# Functions of Bounded Variation

## Homework Statement

Given a sequence of scalars (cn) and a sequence of distinct points (xn) in (a, b), define f(x) = cn if x = xn for some n, and f(x) = 0 otherwise. Under what condition(s) is f of bounded variation on [a,b]?

## Homework Equations

Vbaf = supp($$\Sigma$$lf(ti) - f(ti-1)l< +inf, then f is of Bounded Variation.

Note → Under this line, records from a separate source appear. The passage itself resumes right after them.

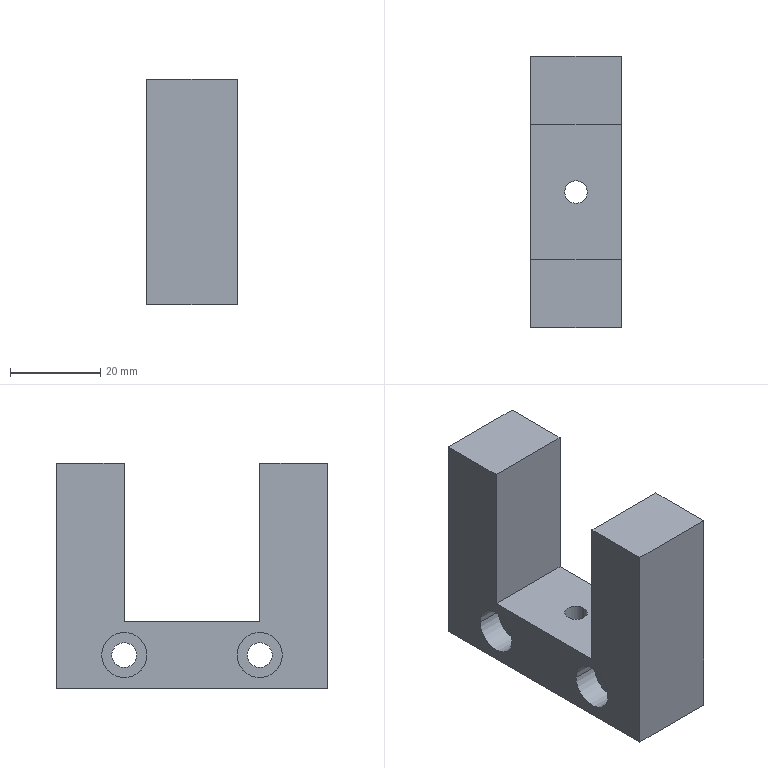Component | SolidWorks | LongSideClampingAssemblyBGeneralAssembly-1_LimitB-0510-1 | 1 solid | 22 faces | box 20 x 60 x 50 mm | volume 37131 mm3 | plane 12 | cylinder 10 | commonest cylinder face diameters 10 x4 5.5 x4 5 x2 | material Q235-A
build123d program:
from build123d import *

# Parameters (mm, degrees)
BOSS_EXTRUDE1_DEPTH                                = 20
HOLE_SIZE_ACCORDING_TO_TYPE_OF_HEX_SOC_D           = 5.5
HOLE_SIZE_ACCORDING_TO_TYPE_OF_HEX_SOC_CBORE_D     = 10
HOLE_SIZE_ACCORDING_TO_TYPE_OF_HEX_SOC_CBORE_DEPTH = 5.7
M6_TAPPED_HOLE1_D                                  = 5


with BuildPart() as part:
    # Sketch1 → Boss-Extrude1 (new body)
    with BuildSketch(Plane.XY):
        Polygon((-30, -25), (-15, -25), (-15, 10), (15, 10), (15, -25), (30, -25), (30, 25), (-30, 25), align=None)
    extrude(amount=BOSS_EXTRUDE1_DEPTH)

    # Hole Size _According to_ Type of Hex Soc (through all)
    with Locations(Plane.XY.offset(20)):
        with Locations((-15, 17.5), (15, 17.5)):
            CounterBoreHole(HOLE_SIZE_ACCORDING_TO_TYPE_OF_HEX_SOC_D / 2, HOLE_SIZE_ACCORDING_TO_TYPE_OF_HEX_SOC_CBORE_D / 2, HOLE_SIZE_ACCORDING_TO_TYPE_OF_HEX_SOC_CBORE_DEPTH)

    # M6 Tapped Hole1 (through all)
    with Locations(Plane(origin=(0, 25, 0), x_dir=(1, 0, 0), z_dir=(0, 1, 0))):
        with Locations((0, -10)):
            Hole(M6_TAPPED_HOLE1_D / 2)


solid = part.part

# Placed as in the assembly
solid = solid.moved(Location((-3220.658, 0.3914, 3511), (-90, -90, 0)))
STEP:
#1=CARTESIAN_POINT('',(-127.093,0.01541,137.835));
#2=VERTEX_POINT('',#1);
#3=CARTESIAN_POINT('',(-127.29,0.01541,137.835));
#4=VERTEX_POINT('',#3);
#5=CARTESIAN_POINT('',(-127.191,0.01541,137.835));
#6=DIRECTION('',(-0.,-0.,-1.));
#7=DIRECTION('',(0.,-1.,0.));
#8=AXIS2_PLACEMENT_3D('',#5,#6,#7);
#9=CIRCLE('',#8,0.09843);
#10=EDGE_CURVE('',#2,#4,#9,.T.);
#11=ORIENTED_EDGE('',*,*,#10,.F.);
#12=CARTESIAN_POINT('',(-127.093,0.01541,137.244));
#13=VERTEX_POINT('',#12);
#14=CARTESIAN_POINT('',(-127.093,0.01541,137.244));
#15=DIRECTION('',(-0.,-0.,-1.));
#16=VECTOR('',#15,39.37);
#17=LINE('',#14,#16);
#18=EDGE_CURVE('',#2,#13,#17,.T.);
#19=ORIENTED_EDGE('',*,*,#18,.T.);
#20=CARTESIAN_POINT('',(-127.29,0.01541,137.244));
#21=VERTEX_POINT('',#20);
#22=CARTESIAN_POINT('',(-127.191,0.01541,137.244));
#23=DIRECTION('',(-0.,-0.,-1.));
#24=DIRECTION('',(-1.,0.,0.));
#25=AXIS2_PLACEMENT_3D('',#22,#23,#24);
#26=CIRCLE('',#25,0.09843);
#27=EDGE_CURVE('',#13,#21,#26,.T.);
#28=ORIENTED_EDGE('',*,*,#27,.T.);
#29=CARTESIAN_POINT('',(-127.29,0.01541,137.244));
#30=DIRECTION('',(-0.,-0.,-1.));
#31=VECTOR('',#30,39.37);
#32=LINE('',#29,#31);
#33=EDGE_CURVE('',#4,#21,#32,.T.);
#34=ORIENTED_EDGE('',*,*,#33,.F.);
#35=EDGE_LOOP('',(#11,#19,#28,#34));
#36=FACE_OUTER_BOUND('',#35,.T.);
#37=CARTESIAN_POINT('',(-127.191,0.01541,137.244));
#38=DIRECTION('',(-0.,-0.,-1.));
#39=DIRECTION('',(-1.,0.,0.));
#40=AXIS2_PLACEMENT_3D('',#37,#38,#39);
#41=CYLINDRICAL_SURFACE('',#40,0.09843);
#42=ADVANCED_FACE('',(#36),#41,.F.);
#43=CARTESIAN_POINT('',(-127.361,-0.772,137.539));
#44=VERTEX_POINT('',#43);
#45=CARTESIAN_POINT('',(-127.361,-0.3783,137.539));
#46=VERTEX_POINT('',#45);
#47=CARTESIAN_POINT('',(-127.361,-0.5751,137.539));
#48=DIRECTION('',(-1.,0.,0.));
#49=DIRECTION('',(0.,1.,0.));
#50=AXIS2_PLACEMENT_3D('',#47,#48,#49);
#51=CIRCLE('',#50,0.1969);
#52=EDGE_CURVE('',#44,#46,#51,.T.);
#53=ORIENTED_EDGE('',*,*,#52,.F.);
#54=CARTESIAN_POINT('',(-127.585,-0.772,137.539));
#55=VERTEX_POINT('',#54);
#56=CARTESIAN_POINT('',(-127.585,-0.772,137.539));
#57=DIRECTION('',(-1.,0.,0.));
#58=VECTOR('',#57,39.37);
#59=LINE('',#56,#58);
#60=EDGE_CURVE('',#44,#55,#59,.T.);
#61=ORIENTED_EDGE('',*,*,#60,.T.);
#62=CARTESIAN_POINT('',(-127.585,-0.3783,137.539));
#63=VERTEX_POINT('',#62);
#64=CARTESIAN_POINT('',(-127.585,-0.5751,137.539));
#65=DIRECTION('',(-1.,0.,0.));
#66=DIRECTION('',(0.,1.,0.));
#67=AXIS2_PLACEMENT_3D('',#64,#65,#66);
#68=CIRCLE('',#67,0.1969);
#69=EDGE_CURVE('',#55,#63,#68,.T.);
#70=ORIENTED_EDGE('',*,*,#69,.T.);
#71=CARTESIAN_POINT('',(-127.585,-0.3783,137.539));
#72=DIRECTION('',(-1.,0.,0.));
#73=VECTOR('',#72,39.37);
#74=LINE('',#71,#73);
#75=EDGE_CURVE('',#46,#63,#74,.T.);
#76=ORIENTED_EDGE('',*,*,#75,.F.);
#77=EDGE_LOOP('',(#53,#61,#70,#76));
#78=FACE_OUTER_BOUND('',#77,.T.);
#79=CARTESIAN_POINT('',(-127.585,-0.5751,137.539));
#80=DIRECTION('',(-1.,0.,0.));
#81=DIRECTION('',(0.,1.,0.));
#82=AXIS2_PLACEMENT_3D('',#79,#80,#81);
#83=CYLINDRICAL_SURFACE('',#82,0.1969);
#84=ADVANCED_FACE('',(#78),#83,.F.);
#85=CARTESIAN_POINT('',(-126.798,-0.6834,137.539));
#86=VERTEX_POINT('',#85);
#87=CARTESIAN_POINT('',(-126.798,-0.4669,137.539));
#88=VERTEX_POINT('',#87);
#89=CARTESIAN_POINT('',(-126.798,-0.5751,137.539));
#90=DIRECTION('',(-1.,0.,0.));
#91=DIRECTION('',(0.,1.,0.));
#92=AXIS2_PLACEMENT_3D('',#89,#90,#91);
#93=CIRCLE('',#92,0.1083);
#94=EDGE_CURVE('',#86,#88,#93,.T.);
#95=ORIENTED_EDGE('',*,*,#94,.F.);
#96=CARTESIAN_POINT('',(-127.361,-0.6834,137.539));
#97=VERTEX_POINT('',#96);
#98=CARTESIAN_POINT('',(-127.585,-0.6834,137.539));
#99=DIRECTION('',(-1.,0.,0.));
#100=VECTOR('',#99,39.37);
#101=LINE('',#98,#100);
#102=EDGE_CURVE('',#86,#97,#101,.T.);
#103=ORIENTED_EDGE('',*,*,#102,.T.);
#104=CARTESIAN_POINT('',(-127.361,-0.4669,137.539));
#105=VERTEX_POINT('',#104);
#106=CARTESIAN_POINT('',(-127.361,-0.5751,137.539));
#107=DIRECTION('',(-1.,0.,0.));
#108=DIRECTION('',(0.,1.,0.));
#109=AXIS2_PLACEMENT_3D('',#106,#107,#108);
#110=CIRCLE('',#109,0.1083);
#111=EDGE_CURVE('',#97,#105,#110,.T.);
#112=ORIENTED_EDGE('',*,*,#111,.T.);
#113=CARTESIAN_POINT('',(-127.585,-0.4669,137.539));
#114=DIRECTION('',(-1.,0.,0.));
#115=VECTOR('',#114,39.37);
#116=LINE('',#113,#115);
#117=EDGE_CURVE('',#88,#105,#116,.T.);
#118=ORIENTED_EDGE('',*,*,#117,.F.);
#119=EDGE_LOOP('',(#95,#103,#112,#118));
#120=FACE_OUTER_BOUND('',#119,.T.);
#121=CARTESIAN_POINT('',(-127.585,-0.5751,137.539));
#122=DIRECTION('',(-1.,0.,0.));
#123=DIRECTION('',(0.,1.,0.));
#124=AXIS2_PLACEMENT_3D('',#121,#122,#123);
#125=CYLINDRICAL_SURFACE('',#124,0.1083);
#126=ADVANCED_FACE('',(#120),#125,.F.);
#127=CARTESIAN_POINT('',(-127.361,0.4091,137.539));
#128=VERTEX_POINT('',#127);
#129=CARTESIAN_POINT('',(-127.361,0.8028,137.539));
#130=VERTEX_POINT('',#129);
#131=CARTESIAN_POINT('',(-127.361,0.606,137.539));
#132=DIRECTION('',(-1.,0.,0.));
#133=DIRECTION('',(0.,1.,0.));
#134=AXIS2_PLACEMENT_3D('',#131,#132,#133);
#135=CIRCLE('',#134,0.1969);
#136=EDGE_CURVE('',#128,#130,#135,.T.);
#137=ORIENTED_EDGE('',*,*,#136,.F.);
#138=CARTESIAN_POINT('',(-127.585,0.4091,137.539));
#139=VERTEX_POINT('',#138);
#140=CARTESIAN_POINT('',(-127.585,0.4091,137.539));
#141=DIRECTION('',(-1.,0.,0.));
#142=VECTOR('',#141,39.37);
#143=LINE('',#140,#142);
#144=EDGE_CURVE('',#128,#139,#143,.T.);
#145=ORIENTED_EDGE('',*,*,#144,.T.);
#146=CARTESIAN_POINT('',(-127.585,0.8028,137.539));
#147=VERTEX_POINT('',#146);
#148=CARTESIAN_POINT('',(-127.585,0.606,137.539));
#149=DIRECTION('',(-1.,0.,0.));
#150=DIRECTION('',(0.,1.,0.));
#151=AXIS2_PLACEMENT_3D('',#148,#149,#150);
#152=CIRCLE('',#151,0.1969);
#153=EDGE_CURVE('',#139,#147,#152,.T.);
#154=ORIENTED_EDGE('',*,*,#153,.T.);
#155=CARTESIAN_POINT('',(-127.585,0.8028,137.539));
#156=DIRECTION('',(-1.,0.,0.));
#157=VECTOR('',#156,39.37);
#158=LINE('',#155,#157);
#159=EDGE_CURVE('',#130,#147,#158,.T.);
#160=ORIENTED_EDGE('',*,*,#159,.F.);
#161=EDGE_LOOP('',(#137,#145,#154,#160));
#162=FACE_OUTER_BOUND('',#161,.T.);
#163=CARTESIAN_POINT('',(-127.585,0.606,137.539));
#164=DIRECTION('',(-1.,0.,0.));
#165=DIRECTION('',(0.,1.,0.));
#166=AXIS2_PLACEMENT_3D('',#163,#164,#165);
#167=CYLINDRICAL_SURFACE('',#166,0.1969);
#168=ADVANCED_FACE('',(#162),#167,.F.);
#169=CARTESIAN_POINT('',(-126.798,0.4977,137.539));
#170=VERTEX_POINT('',#169);
#171=CARTESIAN_POINT('',(-126.798,0.7142,137.539));
#172=VERTEX_POINT('',#171);
#173=CARTESIAN_POINT('',(-126.798,0.606,137.539));
#174=DIRECTION('',(-1.,0.,0.));
#175=DIRECTION('',(0.,1.,0.));
#176=AXIS2_PLACEMENT_3D('',#173,#174,#175);
#177=CIRCLE('',#176,0.1083);
#178=EDGE_CURVE('',#170,#172,#177,.T.);
#179=ORIENTED_EDGE('',*,*,#178,.F.);
#180=CARTESIAN_POINT('',(-127.361,0.4977,137.539));
#181=VERTEX_POINT('',#180);
#182=CARTESIAN_POINT('',(-127.585,0.4977,137.539));
#183=DIRECTION('',(-1.,0.,0.));
#184=VECTOR('',#183,39.37);
#185=LINE('',#182,#184);
#186=EDGE_CURVE('',#170,#181,#185,.T.);
#187=ORIENTED_EDGE('',*,*,#186,.T.);
#188=CARTESIAN_POINT('',(-127.361,0.7142,137.539));
#189=VERTEX_POINT('',#188);
#190=CARTESIAN_POINT('',(-127.361,0.606,137.539));
#191=DIRECTION('',(-1.,0.,0.));
#192=DIRECTION('',(0.,1.,0.));
#193=AXIS2_PLACEMENT_3D('',#190,#191,#192);
#194=CIRCLE('',#193,0.1083);
#195=EDGE_CURVE('',#181,#189,#194,.T.);
#196=ORIENTED_EDGE('',*,*,#195,.T.);
#197=CARTESIAN_POINT('',(-127.585,0.7142,137.539));
#198=DIRECTION('',(-1.,0.,0.));
#199=VECTOR('',#198,39.37);
#200=LINE('',#197,#199);
#201=EDGE_CURVE('',#172,#189,#200,.T.);
#202=ORIENTED_EDGE('',*,*,#201,.F.);
#203=EDGE_LOOP('',(#179,#187,#196,#202));
#204=FACE_OUTER_BOUND('',#203,.T.);
#205=CARTESIAN_POINT('',(-127.585,0.606,137.539));
#206=DIRECTION('',(-1.,0.,0.));
#207=DIRECTION('',(0.,1.,0.));
#208=AXIS2_PLACEMENT_3D('',#205,#206,#207);
#209=CYLINDRICAL_SURFACE('',#208,0.1083);
#210=ADVANCED_FACE('',(#204),#209,.F.);
#211=CARTESIAN_POINT('',(-126.798,1.197,139.213));
#212=VERTEX_POINT('',#211);
#213=CARTESIAN_POINT('',(-126.798,1.197,137.244));
#214=VERTEX_POINT('',#213);
#215=CARTESIAN_POINT('',(-126.798,1.197,139.213));
#216=DIRECTION('',(-0.,0.,-1.));
#217=VECTOR('',#216,39.37);
#218=LINE('',#215,#217);
#219=EDGE_CURVE('',#212,#214,#218,.T.);
#220=ORIENTED_EDGE('',*,*,#219,.T.);
#221=CARTESIAN_POINT('',(-127.585,1.197,137.244));
#222=VERTEX_POINT('',#221);
#223=CARTESIAN_POINT('',(-127.585,1.197,137.244));
#224=DIRECTION('',(1.,-0.,-0.));
#225=VECTOR('',#224,39.37);
#226=LINE('',#223,#225);
#227=EDGE_CURVE('',#222,#214,#226,.T.);
#228=ORIENTED_EDGE('',*,*,#227,.F.);
#229=CARTESIAN_POINT('',(-127.585,1.197,139.213));
#230=VERTEX_POINT('',#229);
#231=CARTESIAN_POINT('',(-127.585,1.197,139.213));
#232=DIRECTION('',(-0.,0.,-1.));
#233=VECTOR('',#232,39.37);
#234=LINE('',#231,#233);
#235=EDGE_CURVE('',#230,#222,#234,.T.);
#236=ORIENTED_EDGE('',*,*,#235,.F.);
#237=CARTESIAN_POINT('',(-127.585,1.197,139.213));
#238=DIRECTION('',(1.,-0.,-0.));
#239=VECTOR('',#238,39.37);
#240=LINE('',#237,#239);
#241=EDGE_CURVE('',#230,#212,#240,.T.);
#242=ORIENTED_EDGE('',*,*,#241,.T.);
#243=EDGE_LOOP('',(#220,#228,#236,#242));
#244=FACE_OUTER_BOUND('',#243,.T.);
#245=CARTESIAN_POINT('',(-127.585,1.197,139.213));
#246=DIRECTION('',(-0.,-1.,-0.));
#247=DIRECTION('',(0.,-0.,1.));
#248=AXIS2_PLACEMENT_3D('',#245,#246,#247);
#249=PLANE('',#248);
#250=ADVANCED_FACE('',(#244),#249,.F.);
#251=CARTESIAN_POINT('',(-127.191,0.01541,137.244));
#252=DIRECTION('',(-0.,-0.,-1.));
#253=DIRECTION('',(-1.,0.,0.));
#254=AXIS2_PLACEMENT_3D('',#251,#252,#253);
#255=CIRCLE('',#254,0.09843);
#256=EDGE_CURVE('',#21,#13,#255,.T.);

## The Attempt at a Solution

My understanding of the question is that we have points at x in a vertical line and points along y=0 at every other value of x. So the only way that this function is of bounded variation is if there is a supremum of the constants so that they can't go on vertically to infinitum. If we merely say that they are bounded above we won't have bounded variation, so we must say that the supremum is a member of the set of cn's.

No, you're on the wrong track. The total variation $$V_a^b f = \sup_P \sum_j |f(x_j+1) - f(x_j)|$$ is the supremum of all possible sums of jumps in the value of $$f$$ where the function is measured at finitely many points. So you should answer two questions:

1. What can a jump of the value of $$f$$ from one point to another look like?
2. What analytic idea should you use to think about the "supremum of all finite sums of something"?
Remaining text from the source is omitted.